Of course, don't water flowers. And if you get rain (which is almost everyday for me), try not to cry on the flowers.


----------



## PearlDragoness (May 12, 2020)

I can't help you with the poison watering can, but you should totally host a giveaway! I mean, why not? You get rid of flowers you don't want, And people who do want the flowers get them! Win-win!


----------



## Ananas Dragon (May 12, 2020)

Crossing123 said:


> Yep and trees as well. I have way too many windflowers and hyacinths growing because of the rain in the game and I tend to overdo watering, I pretty much solved it though by throwing it away or selling it.


Imagine all the broken shovels tho


----------



## thegunpowderincident (May 12, 2020)

Yesterday I TT'ed about 100 days one by one in order to breed blue roses, and in the process I hit a lot of rainy days.
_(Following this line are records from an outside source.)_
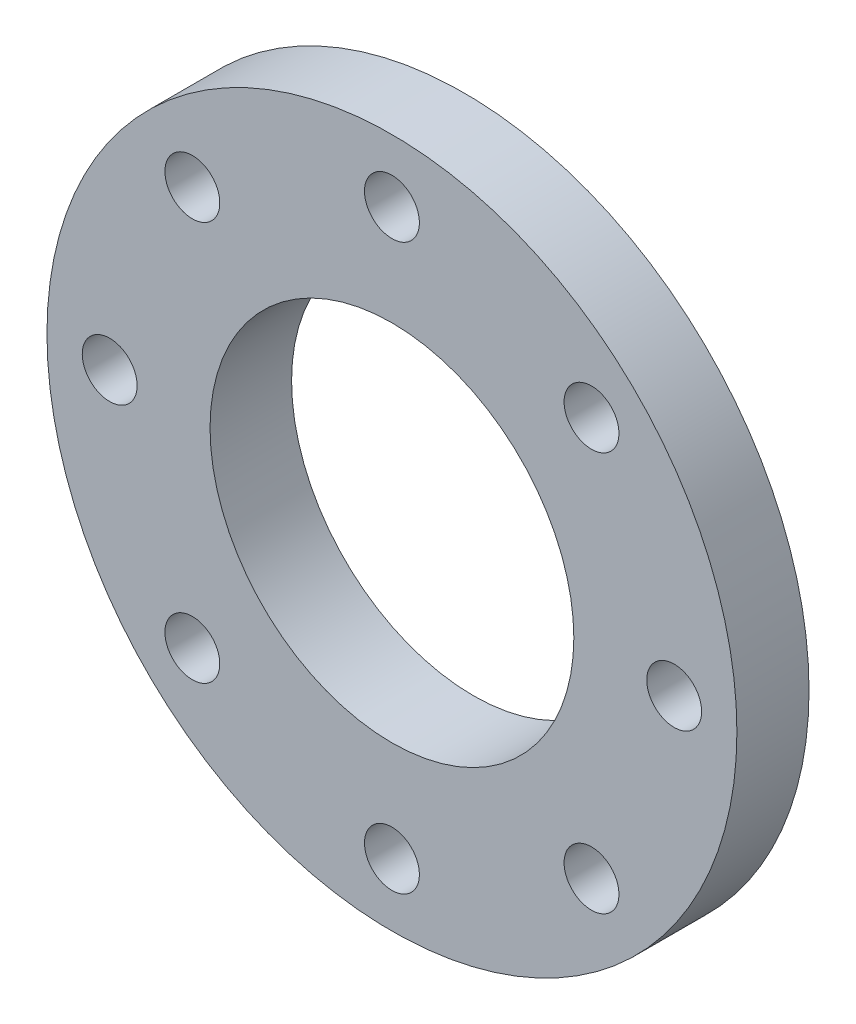
from build123d import *

# Parameters (mm, degrees)
SKETCH1_R               = 110
SKETCH1_R_2             = 8.75
BOSS_EXTRUDE1_DEPTH     = 26
CUT_EXTRUDE2_DEPTH      = 158.721273137
CUT_EXTRUDE2_DEPTH_BACK = 158.721273137
SKETCH3_R               = 58


with BuildPart() as part:
    # Sketch1 → Boss-Extrude1 (new body)
    with BuildSketch(Plane.XY):
        with Locations(Location((0, 0, 0), (0, 0, 180))):
            Circle(SKETCH1_R)
        with Locations(Location((0, 90, 0), (0, 0, 180))):
            Circle(SKETCH1_R_2, mode=Mode.SUBTRACT)
        with Locations(Location((63.639610307, 63.639610307, 0), (0, 0, 180))):
            Circle(SKETCH1_R_2, mode=Mode.SUBTRACT)
        with Locations(Location((90, 0, 0), (0, 0, 180))):
            Circle(SKETCH1_R_2, mode=Mode.SUBTRACT)
        with Locations(Location((63.639610307, -63.639610307, 0), (0, 0, 180))):
            Circle(SKETCH1_R_2, mode=Mode.SUBTRACT)
        with Locations(Location((0, -90, 0), (0, 0, 180))):
            Circle(SKETCH1_R_2, mode=Mode.SUBTRACT)
        with Locations(Location((-63.639610307, -63.639610307, 0), (0, 0, 180))):
            Circle(SKETCH1_R_2, mode=Mode.SUBTRACT)
        with Locations(Location((-90, 0, 0), (0, 0, 180))):
            Circle(SKETCH1_R_2, mode=Mode.SUBTRACT)
        with Locations(Location((-63.639610307, 63.639610307, 0), (0, 0, 180))):
            Circle(SKETCH1_R_2, mode=Mode.SUBTRACT)
    extrude(amount=BOSS_EXTRUDE1_DEPTH)

    # Sketch3 → Cut-Extrude2 (cut, two sides: drawn at the far end of the back side and taken through both)
    with BuildSketch(Plane.XY.offset(26).offset(-CUT_EXTRUDE2_DEPTH_BACK)):
        Circle(SKETCH3_R)
    extrude(amount=CUT_EXTRUDE2_DEPTH + CUT_EXTRUDE2_DEPTH_BACK, mode=Mode.SUBTRACT)

    # Sketch4 → Cut-Revolve1 (revolve, cut)
    with BuildSketch(Plane(origin=(0, 0, 0), x_dir=(1, 0, 0), z_dir=(0, 1, 0)), mode=Mode.PRIVATE) as cut_revolve1_sk:
        Polygon((79, 0), (81, -3), (110, -3), (110, 0), align=None)
    revolve(cut_revolve1_sk.sketch.rotate(Axis((0, 0, 0), (0, 0, 1)), 180), axis=Axis((0, 0, 0), (0, 0, 1)), mode=Mode.SUBTRACT)


solid = part.part
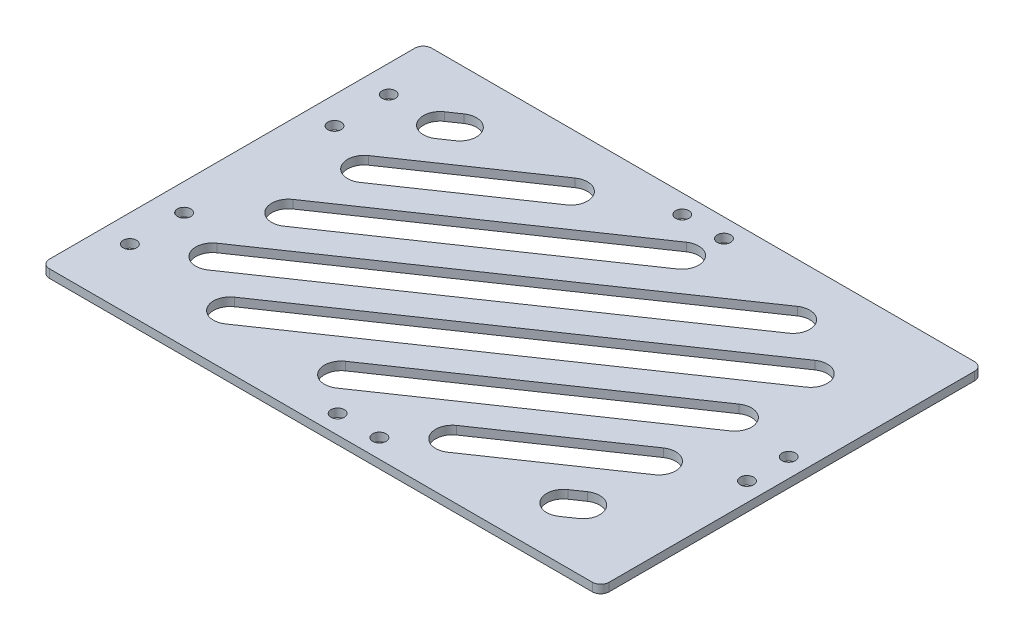
SolidWorks part; units mm, degrees
material "Thornel Mat VMA"
ref_plane "Front Plane" through (0, 0, 0) normal (0, 0, 1) x (1, 0, 0)
ref_plane "Top Plane" through (0, 0, 0) normal (0, 1, 0) x (1, 0, 0)
ref_plane "Right Plane" through (0, 0, 0) normal (1, 0, 0) x (0, 0, -1)
sketch "Sketch1" plane through (0, 0, 0) normal (0, 1, 0) x (1, 0, 0)
  line L0 (-66, 0) -> (68, 0) construction
  line L1 (-66, 45.75) -> (68, 45.75)
  line L2 (-66, 45.75) -> (-66, -45.75)
  line L3 (-66, -45.75) -> (68, -45.75)
  line L4 (68, 45.75) -> (68, -45.75)
  line L5 (0, 45.75) -> (0, -45.75) construction
  line L6 (-59.5, 31) -> (-59.5, 18) construction
  line L7 (-59.5, -31) -> (-59.5, -18) construction
  line L9 (63.5, 3.75) -> (63.5, -6.25) construction
  line L11 (0.5, -41.25) -> (10.5, -41.25) construction
  line L12 (0.5, 41.25) -> (10.5, 41.25) construction
  circle A0 centre (-59.5, 31) radius 1.6
  circle A1 centre (-59.5, 18) radius 1.6
  circle A2 centre (-59.5, -18) radius 1.6
  circle A3 centre (-59.5, -31) radius 1.6
  circle A6 centre (63.5, 3.75) radius 1.6
  circle A7 centre (63.5, -6.25) radius 1.6
  circle A10 centre (0.5, -41.25) radius 1.6
  circle A11 centre (10.5, -41.25) radius 1.6
  circle A12 centre (10.5, 41.25) radius 1.6
  circle A13 centre (0.5, 41.25) radius 1.6
  point P10 (-66, 0)
  dimension "D1" = 3.2
  dimension "D8" = 4.5
  dimension "D9" = 10
  dimension "D12" = 4.5
  dimension "D10" = 3.2
  dimension "D2" = 13
  dimension "D3" = 68
  dimension "D4" = 66
  dimension "D5" = 91.5
  dimension "D6" = 36
  dimension "D7" = 6.5
  dimension "D11" = 39.5
  dimension "D15" = 57.5
extrude "Boss-Extrude1" add sketch "Sketch1" along normal blind 2
sketch "Team emblem" [suppressed] plane through (0, 2, 0) normal (0, 1, 0) x (1, 0, 0)
  line L0 (-25, 38) -> (-25, -22) construction
  line L1 (-12.515, 33.7) -> (-12.515, 35.2787)
  line L2 (-37.485, 33.7) -> (-37.485, 35.2787)
  line L3 (-33.13, 16.8019) -> (-33.13, 11.5819)
  line L4 (-33.13, 11.5819) -> (-34.702, 9.9305)
  line L5 (-34.702, 9.9305) -> (-36.3011, 4.7584)
  line L6 (-33.4579, 3.2225) -> (-31.1856, 10.5724)
  line L7 (-16.5421, 3.2225) -> (-18.8144, 10.5724)
  line L8 (-17.5104, 17.0865) -> (-13.6989, 4.7584)
  line L9 (-21.0663, 32.392) -> (-19.6973, 32.769)
  line L10 (-19.6973, 32.769) -> (-18.0096, 33.5704)
  line L11 (-18.0096, 33.5704) -> (-17.8613, 32.2487)
  line L12 (-18.4024, 35.9034) -> (-17.7524, 35.7605)
  line L13 (-6.1254, -12) -> (-2.6393, -12)
  line L14 (-43.8746, -12) -> (-47.3607, -12)
  arc A0 (-16.6314, -20.8091) -> (-2.6393, -12) centre (-25, 8) ccw
  arc A2 (-33.3686, -20.8091) -> (-33.13, 16.8019) centre (-24.3625, -2.06) cw
  arc A3 (-16.6314, -20.8091) -> (-17.5104, 17.0865) centre (-25.6375, -2.06) ccw
  arc A4 (-19.8705, 26.2753) -> (-12.515, 33.7) centre (-19.94, 33.7) ccw
  arc A5 (-30.1295, 26.2753) -> (-37.485, 33.7) centre (-30.06, 33.7) cw
  arc A6 (-47.3607, -12) -> (-33.3686, -20.8091) centre (-25, 8) ccw
  arc A7 (-36.3011, 4.7584) -> (-33.4579, 3.2225) centre (-25, 22.28) ccw
  arc A9 (-32.1188, 2.6829) -> (-31.1856, 10.5724) centre (-66.67, 10.77) ccw
  arc A10 (-32.1188, 2.6829) -> (-29.0372, 1.8246) centre (-25, 22.28) ccw
  arc A12 (-27.4096, 1.5697) -> (-27.9405, 8.9327) centre (-66.67, 2.44) ccw
  arc A13 (-29.0372, 1.8246) -> (-27.9405, 8.9327) centre (-66.67, 11.27) ccw
  arc A14 (-27.4096, 1.5697) -> (-22.5904, 1.5697) centre (-25, 22.28) ccw
  arc A15 (-22.5904, 1.5697) -> (-22.0595, 8.9327) centre (16.67, 2.44) cw
  arc A16 (-20.9628, 1.8246) -> (-22.0595, 8.9327) centre (16.67, 11.27) cw
  arc A17 (-30.1295, 26.2753) -> (-28.9744, 32.0412) centre (-66.7, 36.6) ccw
  arc A18 (-17.8812, 2.6829) -> (-18.8144, 10.5724) centre (16.67, 10.77) cw
  arc A19 (-19.8705, 26.2753) -> (-21.0663, 32.392) centre (16.7, 36.6) cw
  arc A20 (-20.9628, 1.8246) -> (-17.8812, 2.6829) centre (-25, 22.28) ccw
  arc A21 (-16.5421, 3.2225) -> (-13.6989, 4.7584) centre (-25, 22.28) ccw
  arc A22 (-20.8, 36.4498) -> (-31.4255, 34.2262) centre (-21.93, 15.35) ccw
  arc A23 (-16.5042, 35.0804) -> (-17.7524, 35.7605) centre (-18.3, 33.27) ccw
  arc A25 (-17.8613, 32.2487) -> (-16.5042, 35.0804) centre (-18.3, 34.2) ccw
  arc A29 (-6.1077, 27.9833) -> (-12.515, 35.2787) centre (-17.46, 24.4743) ccw
  arc A30 (-2.2672, 23.4748) -> (-0.7491, 25.6605) centre (-25, 40.8837) ccw
  arc A31 (-6.1077, 27.9833) -> (-5.5019, 30.7996) centre (-25, 33.5203) ccw
  arc A32 (-2.2672, 23.4748) -> (-5.5019, 30.7996) centre (-11.5161, 23.767) ccw
  arc A33 (1.6644, 14.7277) -> (3.8374, 16.2708) centre (-25, 54.5789) ccw
  arc A34 (1.6644, 14.7277) -> (-0.7491, 25.6605) centre (-12.0455, 17.434) ccw
  arc A35 (2.163, 3.7077) -> (4.8783, 5.3) centre (-25, 53.1378) ccw
  arc A36 (2.163, 3.7077) -> (3.8374, 16.2708) centre (-11.3811, 11.906) ccw
  arc A37 (-1.1678, -5.7213) -> (1.8513, -5.3793) centre (-25, 218.1341) ccw
  arc A38 (-1.1678, -5.7213) -> (4.8783, 5.3) centre (-10.7675, 6.7139) ccw
  arc A40 (-6.1254, -12) -> (1.8513, -5.3793) centre (-9.635, 0.344) ccw
  circle A41 centre (-25, 8) radius 27.5 construction
  arc A42 (-43.8923, 27.9833) -> (-44.4981, 30.7996) centre (-25, 33.5203) cw
  arc A43 (-43.8923, 27.9833) -> (-37.485, 35.2787) centre (-32.54, 24.4743) cw
  arc A44 (-47.7328, 23.4748) -> (-44.4981, 30.7996) centre (-38.4839, 23.767) cw
  arc A45 (-47.7328, 23.4748) -> (-49.2509, 25.6605) centre (-25, 40.8837) cw
  arc A46 (-51.6644, 14.7277) -> (-49.2509, 25.6605) centre (-37.9545, 17.434) cw
  arc A47 (-51.6644, 14.7277) -> (-53.8374, 16.2708) centre (-25, 54.5789) cw
  arc A48 (-52.163, 3.7077) -> (-53.8374, 16.2708) centre (-38.6189, 11.906) cw
  arc A49 (-52.163, 3.7077) -> (-54.8783, 5.3) centre (-25, 53.1378) cw
  arc A50 (-48.8322, -5.7213) -> (-54.8783, 5.3) centre (-39.2325, 6.7139) cw
  arc A51 (-48.8322, -5.7213) -> (-51.8513, -5.3793) centre (-25, 218.1341) cw
  arc A52 (-43.8746, -12) -> (-51.8513, -5.3793) centre (-40.365, 0.344) cw
  arc A53 (-28.9744, 32.0412) -> (-31.4255, 34.2262) centre (-30.96, 32.2812) ccw
  spline S0 degree 3 poles (-20.8, 36.4498) (-20.2858, 35.8279) (-18.8685, 36.0059) (-18.4024, 35.9034) knots 0 0 0 0 1 1 1 1
  spline S1 degree 3 poles (-22.2858, 34.0584) (-22.7796, 35.9592) (-21.5435, 34.6039) (-20.1915, 35.1653) (-20.9556, 33.6368) (-22.2858, 34.0584) (-22.7796, 35.9592) (-21.5435, 34.6039) knots -0.60913 -0.442651 -0.194324 0 0.241967 0.39087 0.557349 0.805676 1 1.241967 1.39087 1.557349 only from (-22.5, 35.3861) to (-22.5, 35.3861)
  dimension "D1" = 60
  dimension "D2" = 20.8
  dimension "D5" = 25.7
  dimension "D7" = 7.425
  dimension "D8" = 41.7
  dimension "D16" = 35.485
  dimension "D19" = 39.27
  dimension "D21" = 0.5
  dimension "D22" = 38.8
  dimension "D23" = 41.7
  dimension "D25" = 55
  dimension "D26" = 7.35
  dimension "D28" = 21.13
  dimension "D29" = 25.27
  dimension "D31" = 0.93
  dimension "D32" = 2
  dimension "D33" = 5.1
  dimension "D41" = 8
  dimension "D42" = 9.59
  dimension "D44" = 7
  dimension "D46" = 10
  dimension "D48" = 20
  dimension "D49" = 11.1
  dimension "D43" = 11.02
  dimension "D47" = 8
  dimension "D52" = 38
  dimension "D57" = 2
  dimension "D3" = 10.06
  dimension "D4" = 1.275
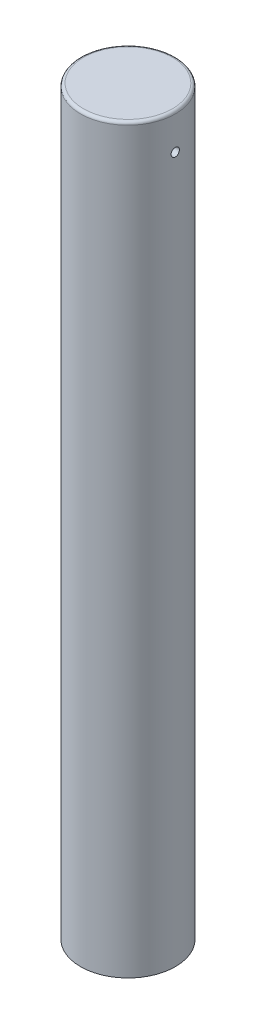
from build123d import *

# Parameters (mm, degrees)
CLEARANCE_HOLE_FOR_M1_61_D     = 1.8
CLEARANCE_HOLE_FOR_M1_61_DEPTH = 8
CLEARANCE_HOLE_FOR_M1_61_TIP   = 0.540774557


with BuildPart() as part:
    # Sketch1 → Revolution1 (revolve)
    with BuildSketch(Plane.XY, mode=Mode.PRIVATE) as revolution1_sk:
        with BuildLine():
            Line((0, -37.804295719), (-8, -37.804295719))
            Line((-8, -37.804295719), (-8, 86.695704281))
            ThreePointArc((-8, 86.695704281), (-7.853553391, 87.049257672), (-7.5, 87.195704281))
            Line((-7.5, 87.195704281), (0, 87.195704281))
            Line((0, 87.195704281), (0, -37.804295719))
        make_face()
    revolve(revolution1_sk.sketch.rotate(Axis((0, 38.205391481, 0), (0, -1, 0)), 270), axis=Axis((0, 38.205391481, 0), (0, -1, 0)))

    # Sketch2 → Cut-Revolve1 (revolve, cut)
    with BuildSketch(Plane.XY, mode=Mode.PRIVATE) as cut_revolve1_sk:
        with BuildLine():
            Line((8, 81.81366679), (6.5, 81.81366679))
            ThreePointArc((6.5, 81.81366679), (6.005025253, 81.608641537), (5.8, 81.11366679))
            Line((5.8, 81.11366679), (8, 81.11366679))
            Line((8, 81.11366679), (8, 81.81366679))
        make_face()
        with BuildLine():
            Line((-8, 81.11366679), (-8, 81.81366679))
            Line((-8, 81.81366679), (-6.5, 81.81366679))
            ThreePointArc((-6.5, 81.81366679), (-6.005025253, 81.608641537), (-5.8, 81.11366679))
            Line((-5.8, 81.11366679), (-8, 81.11366679))
        make_face()
    revolve(cut_revolve1_sk.sketch.rotate(Axis((8, 81.11366679, 0), (-1, 0, 0)), 90), axis=Axis((8, 81.11366679, 0), (-1, 0, 0)), mode=Mode.SUBTRACT)

    # Clearance hole for M1.61
    with Locations(Plane(origin=(0, -37.804295719, 0), x_dir=(-1, 0, 0), z_dir=(0, -1, 0))):
        with Locations((0, 0)):
            Hole(CLEARANCE_HOLE_FOR_M1_61_D / 2, depth=CLEARANCE_HOLE_FOR_M1_61_DEPTH)
            with Locations((0, 0, -(CLEARANCE_HOLE_FOR_M1_61_DEPTH + CLEARANCE_HOLE_FOR_M1_61_TIP / 2))):  # 118° drill point
                Cone(0, CLEARANCE_HOLE_FOR_M1_61_D / 2, CLEARANCE_HOLE_FOR_M1_61_TIP, mode=Mode.SUBTRACT)


solid = part.part

So yeah, my island is practically carpeted with flowers now. It's mostly hybrids, I sold all of the non-hybrids and it barely made a dent.


----------



## Ananas Dragon (May 12, 2020)

PearlDragoness said:


> I can't help you with the poison watering can, but you should totally host a giveaway! I mean, why not? You get rid of flowers you don't want, And people who do want the flowers get them! Win-win!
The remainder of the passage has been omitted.